Fabiano Chapuis

Github Portfolio

These studies initially began as an opportunity to learn about Data Science and AI while enhancing my coding abilities. My decision was motivated by a desire to immerse myself in data analysis, a field of personal interest, and to leverage these newfound skills in practical settings. Ultimately, I aim to contribute positively to society by uncovering insights that can benefit us all.


A brief introduction about me

Holding a BA in Business Management and certified as an Oracle/DBA, I have also completed an Applied Business post-graduation program and am currently self-studying Data Science. With over 30 years of experience in various roles including DBA, R&D Project Manager, Data Analysis, Business Manager, Team Leadership, Researcher, Customer Service, Business Intelligence Analyst, Business Analyst and Banking, I have worked in both domestic and international companies.
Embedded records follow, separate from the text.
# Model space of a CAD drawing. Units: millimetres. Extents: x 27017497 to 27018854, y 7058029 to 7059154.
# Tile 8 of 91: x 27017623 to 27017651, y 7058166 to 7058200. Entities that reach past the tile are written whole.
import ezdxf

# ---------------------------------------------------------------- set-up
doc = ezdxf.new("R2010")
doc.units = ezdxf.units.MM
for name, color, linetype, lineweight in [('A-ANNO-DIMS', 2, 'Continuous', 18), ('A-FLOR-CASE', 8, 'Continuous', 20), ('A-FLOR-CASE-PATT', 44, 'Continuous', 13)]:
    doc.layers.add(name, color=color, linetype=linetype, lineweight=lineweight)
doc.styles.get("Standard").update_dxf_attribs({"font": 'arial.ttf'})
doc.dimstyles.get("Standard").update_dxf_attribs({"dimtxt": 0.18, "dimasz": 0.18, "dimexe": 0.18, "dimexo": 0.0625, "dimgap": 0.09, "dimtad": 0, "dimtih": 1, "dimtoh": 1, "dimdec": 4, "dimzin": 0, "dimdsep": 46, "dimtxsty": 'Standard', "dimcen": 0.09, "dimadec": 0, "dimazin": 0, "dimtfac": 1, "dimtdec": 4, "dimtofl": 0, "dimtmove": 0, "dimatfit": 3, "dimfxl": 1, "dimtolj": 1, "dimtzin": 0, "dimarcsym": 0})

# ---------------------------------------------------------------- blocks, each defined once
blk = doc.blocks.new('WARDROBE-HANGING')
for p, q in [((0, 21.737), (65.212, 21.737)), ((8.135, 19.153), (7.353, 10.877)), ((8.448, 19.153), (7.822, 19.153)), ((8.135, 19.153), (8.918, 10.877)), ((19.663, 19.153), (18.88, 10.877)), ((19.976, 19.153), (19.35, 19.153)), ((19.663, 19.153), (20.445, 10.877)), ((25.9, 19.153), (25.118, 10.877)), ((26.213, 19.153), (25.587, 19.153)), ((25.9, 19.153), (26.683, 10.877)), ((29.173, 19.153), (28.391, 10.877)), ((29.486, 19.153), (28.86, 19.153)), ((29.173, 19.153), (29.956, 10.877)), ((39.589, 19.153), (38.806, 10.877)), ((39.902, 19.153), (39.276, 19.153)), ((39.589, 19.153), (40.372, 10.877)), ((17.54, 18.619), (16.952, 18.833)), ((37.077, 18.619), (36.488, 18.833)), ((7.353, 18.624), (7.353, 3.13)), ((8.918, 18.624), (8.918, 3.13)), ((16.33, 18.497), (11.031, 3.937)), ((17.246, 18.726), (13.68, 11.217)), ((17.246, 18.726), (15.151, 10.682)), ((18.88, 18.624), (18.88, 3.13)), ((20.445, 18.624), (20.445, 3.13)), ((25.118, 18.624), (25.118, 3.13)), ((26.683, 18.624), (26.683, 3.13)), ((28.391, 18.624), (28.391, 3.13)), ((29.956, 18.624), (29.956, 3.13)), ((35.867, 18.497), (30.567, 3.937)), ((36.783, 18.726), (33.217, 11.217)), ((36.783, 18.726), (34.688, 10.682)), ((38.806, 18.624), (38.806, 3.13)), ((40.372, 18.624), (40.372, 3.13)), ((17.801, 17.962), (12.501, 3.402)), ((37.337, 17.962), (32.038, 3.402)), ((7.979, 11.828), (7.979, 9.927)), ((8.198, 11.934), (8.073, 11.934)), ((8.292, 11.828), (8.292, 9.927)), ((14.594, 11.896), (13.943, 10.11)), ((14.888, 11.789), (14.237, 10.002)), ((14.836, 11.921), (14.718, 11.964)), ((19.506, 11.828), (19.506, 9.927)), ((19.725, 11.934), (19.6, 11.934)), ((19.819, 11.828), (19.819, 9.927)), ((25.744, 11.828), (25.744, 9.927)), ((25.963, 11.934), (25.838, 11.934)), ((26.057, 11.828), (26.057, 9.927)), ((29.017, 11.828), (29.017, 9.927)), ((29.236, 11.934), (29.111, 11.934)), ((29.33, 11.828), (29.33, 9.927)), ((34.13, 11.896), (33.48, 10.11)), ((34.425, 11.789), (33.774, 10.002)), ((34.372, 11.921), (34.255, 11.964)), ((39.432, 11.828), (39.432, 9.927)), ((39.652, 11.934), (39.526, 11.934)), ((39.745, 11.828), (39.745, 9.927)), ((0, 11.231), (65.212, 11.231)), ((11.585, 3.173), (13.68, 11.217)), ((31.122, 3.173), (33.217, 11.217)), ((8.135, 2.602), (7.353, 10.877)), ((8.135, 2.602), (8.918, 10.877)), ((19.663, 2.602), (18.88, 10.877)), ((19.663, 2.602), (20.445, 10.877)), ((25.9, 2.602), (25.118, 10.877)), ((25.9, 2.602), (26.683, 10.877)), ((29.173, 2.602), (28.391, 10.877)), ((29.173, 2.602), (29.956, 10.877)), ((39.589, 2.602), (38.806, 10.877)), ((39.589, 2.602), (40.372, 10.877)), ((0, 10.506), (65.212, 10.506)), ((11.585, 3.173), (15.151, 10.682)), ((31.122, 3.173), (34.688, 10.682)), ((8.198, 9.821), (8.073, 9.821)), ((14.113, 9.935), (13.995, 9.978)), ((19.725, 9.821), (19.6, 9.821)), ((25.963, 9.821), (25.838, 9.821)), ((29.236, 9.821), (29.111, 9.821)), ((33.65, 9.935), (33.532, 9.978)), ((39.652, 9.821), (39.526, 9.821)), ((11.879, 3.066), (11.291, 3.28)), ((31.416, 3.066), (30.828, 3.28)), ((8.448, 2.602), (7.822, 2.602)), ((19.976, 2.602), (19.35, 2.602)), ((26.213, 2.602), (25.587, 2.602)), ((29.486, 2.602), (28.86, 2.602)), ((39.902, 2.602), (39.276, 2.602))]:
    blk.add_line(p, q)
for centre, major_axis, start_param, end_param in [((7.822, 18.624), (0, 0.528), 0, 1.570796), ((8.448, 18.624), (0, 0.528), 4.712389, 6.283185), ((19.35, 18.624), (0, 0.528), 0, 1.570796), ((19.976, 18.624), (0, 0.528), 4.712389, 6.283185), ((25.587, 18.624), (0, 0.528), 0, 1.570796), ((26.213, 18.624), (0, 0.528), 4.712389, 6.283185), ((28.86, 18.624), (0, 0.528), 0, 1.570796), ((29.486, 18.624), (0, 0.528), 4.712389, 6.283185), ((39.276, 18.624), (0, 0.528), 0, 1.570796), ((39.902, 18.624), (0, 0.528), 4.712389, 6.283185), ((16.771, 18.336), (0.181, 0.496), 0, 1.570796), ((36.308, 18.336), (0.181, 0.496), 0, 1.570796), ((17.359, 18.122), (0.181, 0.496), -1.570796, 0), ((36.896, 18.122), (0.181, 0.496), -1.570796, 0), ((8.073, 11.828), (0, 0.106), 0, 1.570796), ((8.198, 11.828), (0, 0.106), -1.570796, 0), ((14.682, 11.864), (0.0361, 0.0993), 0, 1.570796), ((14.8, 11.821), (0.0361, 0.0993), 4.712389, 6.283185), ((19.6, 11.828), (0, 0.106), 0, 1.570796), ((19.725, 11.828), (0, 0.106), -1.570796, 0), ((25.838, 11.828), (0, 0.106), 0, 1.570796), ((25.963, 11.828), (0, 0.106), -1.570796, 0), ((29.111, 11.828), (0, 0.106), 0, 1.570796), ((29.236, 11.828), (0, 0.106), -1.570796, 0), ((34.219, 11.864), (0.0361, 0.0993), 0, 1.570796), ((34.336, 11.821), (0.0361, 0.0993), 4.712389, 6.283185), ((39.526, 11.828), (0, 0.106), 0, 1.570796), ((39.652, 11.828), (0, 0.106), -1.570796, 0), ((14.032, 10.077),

Currently, I am working as a Data Engineer. My experience encompasses data analysis, collecting business data, analyzing information, and developing improvement solutions based on findings. I possess strong management skills, critical thinking abilities, and attention to detail. I chose to pursue this path in order to engage more deeply with data, a subject of great interest to me. By applying these skills in real-world situations, I aim to contribute value to society and uncover insights that may prove beneficial to us.

Module 1 - Data Wrangling with Python

Data Processing with NumPy and Pandas

This project marks the beginning of my journey into data analysis, where I focus on analyzing data and applying
fundamental concepts such as data cleaning, correlation analysis, and introductory data analysis techniques.

Module 1 - Data Wrangling with Python

Data analysis and visualization

This marks the second phase of the project, where I delve deeper into data analysis concepts and expand our use of data visualization techniques. I utilize libraries like matplotlib, seaborn, pandas, and numpy to explore various methods of visualizing data, analyze data distribution patterns, and derive insights from correlations between different features.

Module 1 - Data Wrangling with Python

Capstone Project

This wraps up the Module 1. The capstone project seeks to implement the concepts covered in previous projects. It involves utilizing familiar libraries such as matplotlib, seaborn, pandas, and numpy, along with incorporating the Geopy library for geocoding services and accessing other geographical data APIs.

Module 2 - Data Analysis

Data Analysis with SQL

In the module 2 this project aims to apply some data analysis, and statistics to explore and analyze a dataset. Through iterative questioning and strategic exploration, I identified key insights and patterns, using data-driven approaches to come up with ideas to address issues related to the Mental Health in Tech Industry.

Module 2 - Data Analysis

A/B Testing

For these two A/B Testing projects, I applied some statistical concepts such as estimation, the central limit theorem, and confidence intervals, while deepening my understanding of hypothesis testing and experiment design. I conducted experiments to evaluate and validate business hypotheses, driving data-informed decision-making and optimizing outcomes.

Module 2 - Data Analysis

Regression

In this regression analysis project, I developed some explanatory models to investigate the factors that influence the target variable. By fitting a statistical model to the dataset, I identified the key variables that most significantly impact the target, providing valuable insights into the underlying relationships between predictors and the target variable.

Module 3 - Machine Learning

Supervised Machine Learning Fundamentals

In this project, fundamental Machine Learning techniques for Supervised Learning were utilized to identify key patterns and build predictive models. Through Exploratory Data Analysis (EDA), statistical inference, confidence intervals, and testing, Support Vector Machines (SVMs) were applied alongside hyperparameter tuning to identify the best model for the dataset.

Module 3 - Machine Learning

Gradient Boosted Trees, XGBoost, CatBoost, and LightGBM

This project explores Gradient Boosted Trees and ensemble learning techniques using XGBoost, CatBoost, and LightGBM to analyze a dataset. It focuses on feature engineering, hyperparameter tuning, and model evaluation, leveraging ensemble methods to improve predictive accuracy and generalization.

Module 3 - Machine Learning

Unsupervised Learning and Hyperparameter Tuning

This project provides hands-on practice with various machine learning models, focusing on ensemble learning techniques using XGBoost, CatBoost, and LightGBM. It covers building and optimizing model ensembles, applying hyperparameter tuning, and leveraging AutoML tools for improved performance. Additionally, it includes data visualization with Matplotlib & Seaborn and data manipulation tasks such as reading, querying, and filtering datasets.

Module 3 - Machine Learning

Capstone Project

This Capstone project integrates key machine learning concepts, providing hands-on experience with Pandas, NumPy, and visualization libraries like Matplotlib and Seaborn. It focuses on translating business requirements into ML-driven solutions through statistical analysis, data wrangling, and exploratory data analysis (EDA). The project covers supervised and unsupervised learning algorithms, including Scikit-Learn and gradient boosting libraries, along with model selection, evaluation, and hyperparameter tuning. Additionally, it involves statistical inference techniques, proficient use of Jupyter Notebooks, and model deployment on Google Cloud or other platforms accessible via HTTP requests.